Business Roundtable member companies across sectors—from financial services to energy to business services—face significant and growing cyber threats. For approximately the last ten years, NIST’s CSF has been a valuable resource for companies and other organizations as they address these risks. The voluntary and technology-neutral nature of the CSF has allowed companies to use it in a manner that is tailored to their own organizations, sectors and risk profiles. This approach also supports continuous innovation in information technology, operations technology and cyber-physical and other systems, which in turn drives tangible advances in cybersecurity capabilities and outcomes. The tailored approach to cyber risk management that the CSF facilitates remains the most effective way to address the cyber threats ahead.
Business Roundtable member companies have worked closely with NIST on the development, refinement and implementation of the CSF. From its conception through the current public comment process, our member companies have helped NIST to build and improve the CSF and develop Implementation Examples, Informative References and Framework Profiles that promote the adoption of the CSF across a wide range of businesses and sectors.
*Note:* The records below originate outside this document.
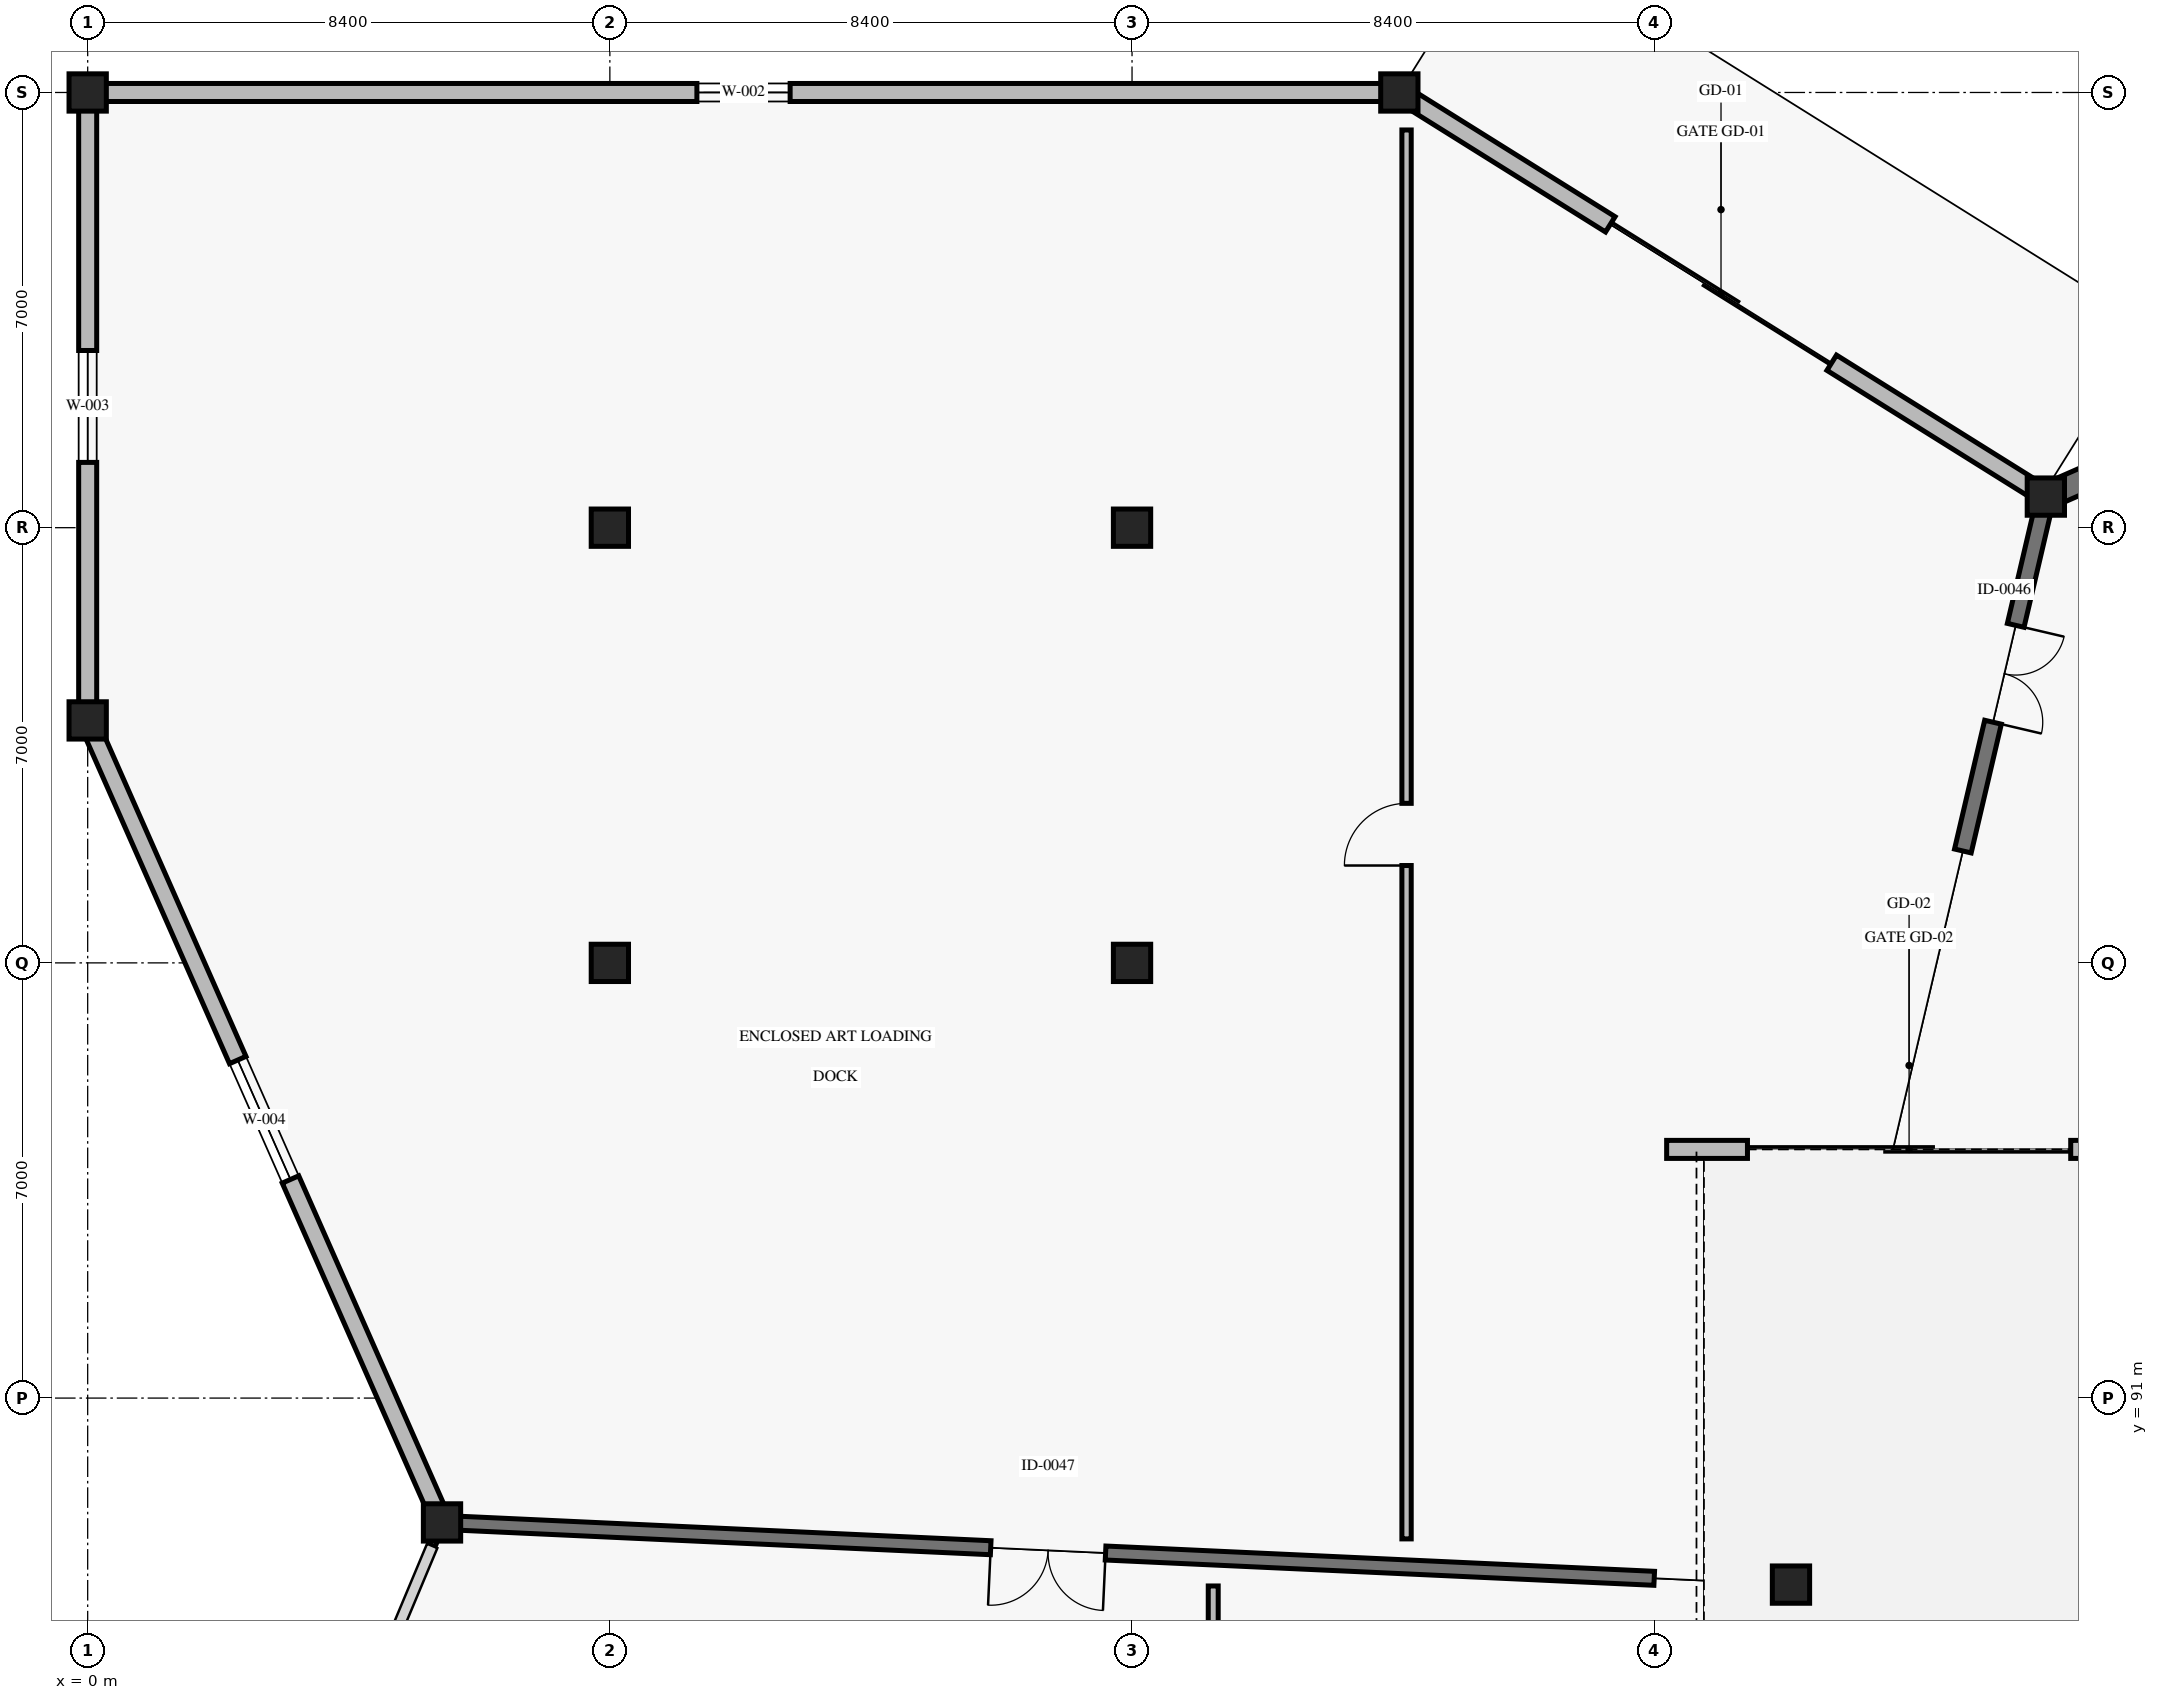
"""IFC4 building model, lengths in metres.
Left out: names, types, materials, properties, quantities, classifications, styles, units other than length and angle.
Written with IfcOpenShell. Run it as: python <this file> out.ifc"""

import sys

from ifc_helpers import new_model, si_unit, direction, frame, frame_2d, origin, origin_2d, place, context, subcontext, project, spatial, rectangle, extrude, element, fill, save


model = new_model("IFC4")
c1 = context("Model", 3, precision=1e-05, world=origin(), true_north=direction((0.0, 1.0)))
c2 = subcontext(c1, "Body", "Model", "MODEL_VIEW")
j1 = project(units=[si_unit("LENGTHUNIT", "METRE"), si_unit("PLANEANGLEUNIT", "RADIAN")], contexts=[c1])
p1 = place(None, origin())
s1 = spatial("IfcSite", under=j1, at=p1, CompositionType="ELEMENT")
p2 = place(p1, origin())
s2 = spatial("IfcBuilding", under=s1, at=p2, CompositionType="ELEMENT")
p3 = place(p2, origin())
s3 = spatial("IfcBuildingStorey", under=s2, at=p3, CompositionType="ELEMENT", Elevation=0.0)
for number, where, z_axis, x_axis in (
    (1, (0.0, 101.9, 0.0), (0.0, 0.0, 1.0), (1.0, 0.0, 0.0)),
    (2, (0.0, 112.0, 0.0), (0.0, 0.0, 1.0), (1.0, 0.0, 0.0)),
    (3, (5.7, 89.0, 0.0), (0.0, 0.0, 1.0), (1.0, 0.0, 0.0)),
    (4, (21.1, 112.0, 0.0), (0.0, 0.0, 1.0), (1.0, 0.0, 0.0)),
    (5, (27.4, 88.0, 0.0), (0.0, 0.0, 1.0), (1.0, 0.0, 0.0)),
    (6, (31.5, 105.5, 0.0), (0.0, 0.0, 1.0), (1.0, 0.0, 0.0)),
    (7, (8.4, 98.0, 0.0), (0.0, 0.0, 1.0), (1.0, 0.0, 0.0)),
    (8, (8.4, 105.0, 0.0), (0.0, 0.0, 1.0), (1.0, 0.0, 0.0)),
    (9, (16.8, 98.0, 0.0), (0.0, 0.0, 1.0), (1.0, 0.0, 0.0)),
    (10, (16.8, 105.0, 0.0), (0.0, 0.0, 1.0), (1.0, 0.0, 0.0)),
):
    element("IfcColumn", number, at=place(p3, frame(where, z_axis=z_axis, x_axis=x_axis)), inside=s3, PredefinedType="COLUMN", context=c2, shape_type="SweptSolid", body=[
        extrude(rectangle(XDim=0.6, YDim=0.6, at=origin_2d()), origin(), (0.0, 0.0, 1.0), 5.4),
    ])
p4 = place(p3, frame((31.555, 105.524, 0.0), z_axis=(0.0, 0.0, 1.0), x_axis=(0.915561631163, 0.402177696474, 0.0)))
e11 = element("IfcWall", 11, at=p4, inside=s3, PredefinedType="SOLIDWALL", context=c2, shape_type="SweptSolid", body=[
    extrude(rectangle(XDim=11.627, YDim=0.4, at=frame_2d((5.813, 0.0))), origin(), (0.0, 0.0, 1.0), 4.22),
])
p5 = place(p3, frame((5.542, 88.622, 0.0), z_axis=(0.0, 0.0, 1.0), x_axis=(0.3862479465, 0.922394993387, 0.0)))
e12 = element("IfcWall", 12, at=p5, inside=s3, PredefinedType="SOLIDWALL", context=c2, shape_type="SweptSolid", body=[
    extrude(rectangle(XDim=0.308, YDim=0.095, at=frame_2d((0.154, 0.0))), origin(), (0.0, 0.0, 1.0), 4.22),
])
p6 = place(p3, frame((21.1, 112.0, 0.0), z_axis=(0.0, 0.0, 1.0), x_axis=(0.84799942789, -0.529997141784, 0.0)))
e13 = element("IfcWall", 13, at=p6, inside=s3, PredefinedType="SOLIDWALL", context=c2, shape_type="SweptSolid", body=[
    extrude(rectangle(XDim=12.204, YDim=0.29, at=frame_2d((6.102, 0.0))), origin(), (0.0, 0.0, 1.0), 4.22),
])
p7 = place(p6, frame((4.002, 0.0, 0.0)))
e14 = element("IfcOpeningElement", 14, at=p7, cuts=e13, PredefinedType="OPENING", context=c2, shape_type="SweptSolid", body=[
    extrude(rectangle(XDim=4.2, YDim=3.92, at=frame_2d((2.1, 1.96))), frame((0.0, 0.155, 0.0), z_axis=(0.0, -1.0, 0.0), x_axis=(1.0, 0.0, 0.0)), (0.0, 0.0, 1.0), 0.31),
])
p8 = place(p3, frame((0.0, 112.0, 0.0), z_axis=(0.0, 0.0, 1.0), x_axis=(1.0, 0.0, 0.0)))
e15 = element("IfcWall", 15, at=p8, inside=s3, PredefinedType="SOLIDWALL", context=c2, shape_type="SweptSolid", body=[
    extrude(rectangle(XDim=21.1, YDim=0.29, at=frame_2d((10.55, 0.0))), origin(), (0.0, 0.0, 1.0), 4.22),
])
p9 = place(p8, frame((9.8, 0.0, 0.95)))
e16 = element("IfcOpeningElement", 16, at=p9, cuts=e15, PredefinedType="OPENING", context=c2, shape_type="SweptSolid", body=[
    extrude(rectangle(XDim=1.5, YDim=1.8, at=frame_2d((0.75, 0.9))), frame((0.0, 0.155, 0.0), z_axis=(0.0, -1.0, 0.0), x_axis=(1.0, 0.0, 0.0)), (0.0, 0.0, 1.0), 0.31),
])
p10 = place(p3, frame((0.0, 101.9, 0.0), z_axis=(0.0, 0.0, 1.0), x_axis=(0.0, 1.0, 0.0)))
e17 = element("IfcWall", 17, at=p10, inside=s3, PredefinedType="SOLIDWALL", context=c2, shape_type="SweptSolid", body=[
    extrude(rectangle(XDim=10.1, YDim=0.29, at=frame_2d((5.05, 0.0))), origin(), (0.0, 0.0, 1.0), 4.22),
])
p11 = place(p10, frame((4.15, 0.0, 0.95)))
e18 = element("IfcOpeningElement", 18, at=p11, cuts=e17, PredefinedType="OPENING", context=c2, shape_type="SweptSolid", body=[
    extrude(rectangle(XDim=1.8, YDim=1.8, at=frame_2d((0.9, 0.9))), frame((0.0, 0.155, 0.0), z_axis=(0.0, -1.0, 0.0), x_axis=(1.0, 0.0, 0.0)), (0.0, 0.0, 1.0), 0.31),
])
p12 = place(p3, frame((5.676, 89.055, 0.0), z_axis=(0.0, 0.0, 1.0), x_axis=(-0.404184143846, 0.914677636035, 0.0)))
e19 = element("IfcWall", 19, at=p12, inside=s3, PredefinedType="SOLIDWALL", context=c2, shape_type="SweptSolid", body=[
    extrude(rectangle(XDim=14.043, YDim=0.29, at=frame_2d((7.021, 0.0))), origin(), (0.0, 0.0, 1.0), 4.22),
])
p13 = place(p12, frame((5.971, 0.0, 0.95)))
e20 = element("IfcOpeningElement", 20, at=p13, cuts=e19, PredefinedType="OPENING", context=c2, shape_type="SweptSolid", body=[
    extrude(rectangle(XDim=2.1, YDim=1.8, at=frame_2d((1.05, 0.9))), frame((0.0, 0.155, 0.0), z_axis=(0.0, -1.0, 0.0), x_axis=(1.0, 0.0, 0.0)), (0.0, 0.0, 1.0), 0.31),
])
p14 = place(p3, frame((33.0, 95.0, 0.0), z_axis=(0.0, 0.0, 1.0), x_axis=(-1.0, 0.0, 0.0)))
e21 = element("IfcWall", 21, at=p14, inside=s3, PredefinedType="SOLIDWALL", context=c2, shape_type="SweptSolid", body=[
    extrude(rectangle(XDim=7.6, YDim=0.29, at=frame_2d((3.8, 0.0))), origin(), (0.0, 0.0, 1.0), 3.8),
])
p15 = place(p14, frame((1.1, 0.0, 0.0)))
e22 = element("IfcOpeningElement", 22, at=p15, cuts=e21, PredefinedType="OPENING", context=c2, shape_type="SweptSolid", body=[
    extrude(rectangle(XDim=5.2, YDim=2.8, at=frame_2d((2.6, 1.4))), frame((0.0, 0.155, 0.0), z_axis=(0.0, -1.0, 0.0), x_axis=(1.0, 0.0, 0.0)), (0.0, 0.0, 1.0), 0.31),
])
p16 = place(p3, frame((31.5, 105.5, 0.0), z_axis=(0.0, 0.0, 1.0), x_axis=(-0.228035044918, -0.973652924963, 0.0)))
e23 = element("IfcWall", 23, at=p16, inside=s3, PredefinedType="SOLIDWALL", context=c2, shape_type="SweptSolid", body=[
    extrude(rectangle(XDim=5.854, YDim=0.275, at=frame_2d((2.927, 0.0))), origin(), (0.0, 0.0, 1.0), 4.62),
])
p17 = place(p16, frame((2.127, 0.0, 0.0)))
e24 = element("IfcOpeningElement", 24, at=p17, cuts=e23, PredefinedType="OPENING", context=c2, shape_type="SweptSolid", body=[
    extrude(rectangle(XDim=1.6, YDim=2.45, at=frame_2d((0.8, 1.225))), frame((0.0, 0.147, 0.0), z_axis=(0.0, -1.0, 0.0), x_axis=(1.0, 0.0, 0.0)), (0.0, 0.0, 1.0), 0.295),
])
p18 = place(p3, frame((25.2, 88.101, 0.0), z_axis=(0.0, 0.0, 1.0), x_axis=(-0.998939142773, 0.046049853812, 0.0)))
e25 = element("IfcWall", 25, at=p18, inside=s3, PredefinedType="SOLIDWALL", context=c2, shape_type="SweptSolid", body=[
    extrude(rectangle(XDim=19.521, YDim=0.225, at=frame_2d((9.76, 0.0))), origin(), (0.0, 0.0, 1.0), 4.62),
])
p19 = place(p18, frame((8.835, 0.0, 0.0)))
e26 = element("IfcOpeningElement", 26, at=p19, cuts=e25, PredefinedType="OPENING", context=c2, shape_type="SweptSolid", body=[
    extrude(rectangle(XDim=1.85, YDim=2.4, at=frame_2d((0.925, 1.2))), frame((0.0, 0.123, 0.0), z_axis=(0.0, -1.0, 0.0), x_axis=(1.0, 0.0, 0.0)), (0.0, 0.0, 1.0), 0.245),
])
p20 = place(p3, frame((18.106, 81.6, 0.0), z_axis=(0.0, 0.0, 1.0), x_axis=(0.0, 1.0, 0.0)))
e27 = element("IfcWall", 27, at=p20, inside=s3, PredefinedType="PARTITIONING", context=c2, shape_type="SweptSolid", body=[
    extrude(rectangle(XDim=6.378, YDim=0.16, at=frame_2d((3.189, 0.0))), origin(), (0.0, 0.0, 1.0), 3.92),
])
p21 = place(p20, frame((3.509, 0.0, 0.0)))
e28 = element("IfcOpeningElement", 28, at=p21, cuts=e27, PredefinedType="OPENING", context=c2, shape_type="SweptSolid", body=[
    extrude(rectangle(XDim=0.98, YDim=2.15, at=frame_2d((0.49, 1.075))), frame((0.0, 0.09, 0.0), z_axis=(0.0, -1.0, 0.0), x_axis=(1.0, 0.0, 0.0)), (0.0, 0.0, 1.0), 0.18),
])
p22 = place(p3, frame((21.216, 88.735, 0.0), z_axis=(0.0, 0.0, 1.0), x_axis=(0.0, 1.0, 0.0)))
e29 = element("IfcWall", 29, at=p22, inside=s3, PredefinedType="PARTITIONING", context=c2, shape_type="SweptSolid", body=[
    extrude(rectangle(XDim=22.662, YDim=0.15, at=frame_2d((11.331, 0.0))), origin(), (0.0, 0.0, 1.0), 3.92),
])
p23 = place(p22, frame((10.831, 0.0, 0.0)))
e30 = element("IfcOpeningElement", 30, at=p23, cuts=e29, PredefinedType="OPENING", context=c2, shape_type="SweptSolid", body=[
    extrude(rectangle(XDim=1.0, YDim=2.15, at=frame_2d((0.5, 1.075))), frame((0.0, 0.085, 0.0), z_axis=(0.0, -1.0, 0.0), x_axis=(1.0, 0.0, 0.0)), (0.0, 0.0, 1.0), 0.17),
])
p24 = place(p7, origin())
e31 = element("IfcDoor", 31, at=p24, inside=s3, OperationType="ROLLINGUP", PredefinedType="GATE", context=c2, shape_type="SweptSolid", body=[
    extrude(rectangle(XDim=4.2, YDim=3.92, at=frame_2d((2.1, 1.96))), frame((0.0, 0.025, 0.0), z_axis=(0.0, -1.0, 0.0), x_axis=(1.0, 0.0, 0.0)), (0.0, 0.0, 1.0), 0.05),
])
fill(e14, e31)
p25 = place(p9, origin())
e32 = element("IfcWindow", 32, at=p25, inside=s3, PartitioningType="SINGLE_PANEL", PredefinedType="WINDOW", context=c2, shape_type="SweptSolid", body=[
    extrude(rectangle(XDim=1.5, YDim=1.8, at=frame_2d((0.75, 0.9))), frame((0.0, 0.03, 0.0), z_axis=(0.0, -1.0, 0.0), x_axis=(1.0, 0.0, 0.0)), (0.0, 0.0, 1.0), 0.06),
])
fill(e16, e32)
p26 = place(p11, origin())
e33 = element("IfcWindow", 33, at=p26, inside=s3, PartitioningType="SINGLE_PANEL", PredefinedType="WINDOW", context=c2, shape_type="SweptSolid", body=[
    extrude(rectangle(XDim=1.8, YDim=1.8, at=frame_2d((0.9, 0.9))), frame((0.0, 0.03, 0.0), z_axis=(0.0, -1.0, 0.0), x_axis=(1.0, 0.0, 0.0)), (0.0, 0.0, 1.0), 0.06),
])
fill(e18, e33)
p27 = place(p13, origin())
e34 = element("IfcWindow", 34, at=p27, inside=s3, PartitioningType="SINGLE_PANEL", PredefinedType="WINDOW", context=c2, shape_type="SweptSolid", body=[
    extrude(rectangle(XDim=2.1, YDim=1.8, at=frame_2d((1.05, 0.9))), frame((0.0, 0.03, 0.0), z_axis=(0.0, -1.0, 0.0), x_axis=(1.0, 0.0, 0.0)), (0.0, 0.0, 1.0), 0.06),
])
fill(e20, e34)
p28 = place(p15, origin())
e35 = element("IfcDoor", 35, at=p28, inside=s3, OperationType="ROLLINGUP", PredefinedType="GATE", context=c2, shape_type="SweptSolid", body=[
    extrude(rectangle(XDim=5.2, YDim=2.8, at=frame_2d((2.6, 1.4))), frame((0.0, 0.025, 0.0), z_axis=(0.0, -1.0, 0.0), x_axis=(1.0, 0.0, 0.0)), (0.0, 0.0, 1.0), 0.05),
])
fill(e22, e35)
p29 = place(p17, origin())
e36 = element("IfcDoor", 36, at=p29, inside=s3, OperationType="DOUBLE_DOOR_SINGLE_SWING", PredefinedType="DOOR", context=c2, shape_type="SweptSolid", body=[
    extrude(rectangle(XDim=1.6, YDim=2.45, at=frame_2d((0.8, 1.225))), frame((0.0, 0.025, 0.0), z_axis=(0.0, -1.0, 0.0), x_axis=(1.0, 0.0, 0.0)), (0.0, 0.0, 1.0), 0.05),
])
fill(e24, e36)
p30 = place(p19, origin())
e37 = element("IfcDoor", 37, at=p30, inside=s3, OperationType="DOUBLE_DOOR_SINGLE_SWING", PredefinedType="DOOR", context=c2, shape_type="SweptSolid", body=[
    extrude(rectangle(XDim=1.85, YDim=2.4, at=frame_2d((0.925, 1.2))), frame((0.0, 0.025, 0.0), z_axis=(0.0, -1.0, 0.0), x_axis=(1.0, 0.0, 0.0)), (0.0, 0.0, 1.0), 0.05),
])
fill(e26, e37)
p31 = place(p23, origin())
e38 = element("IfcDoor", 38, at=p31, inside=s3, OperationType="SINGLE_SWING_LEFT", PredefinedType="DOOR", context=c2, shape_type="SweptSolid", body=[
    extrude(rectangle(XDim=1.0, YDim=2.15, at=frame_2d((0.5, 1.075))), frame((0.0, 0.025, 0.0), z_axis=(0.0, -1.0, 0.0), x_axis=(1.0, 0.0, 0.0)), (0.0, 0.0, 1.0), 0.05),
])
fill(e30, e38)
save(model, sys.argv[1])

Business Roundtable applauds NIST’s continuing work to refine and improve the CSF. The collaborative process that NIST used to develop CSF 2.0 draft—soliciting extensive private sector input along the way—has resulted in a significantly improved and more useful framework that will strengthen the nation’s cybersecurity posture. Business Roundtable urges NIST to continue working to ensure that organizations of all types and sizes have the proper knowledge and tools to implement the CSF as effectively as possible.
Within this context, we appreciate the opportunity to provide feedback on CSF 2.0.
II. Business Roundtable Broadly Supports the Refinements Made to CSF 2.0.
Business Roundtable applauds the new and updated elements of CSF 2.0 that improve the usability and applicability of the framework, including expanding the scope of the framework and maturing the existing content.
Business Roundtable particularly appreciates the added emphasis on governance and supply chain risk management in CSF 2.0. Elevating governance to a distinct function underscores the integral role of effective management and oversight in minimizing cyber risk. Within the Govern Function, the expanded guidance on supply chain risk management will help organizations monitor, identify, assess and mitigate cyber risks throughout their supply chains.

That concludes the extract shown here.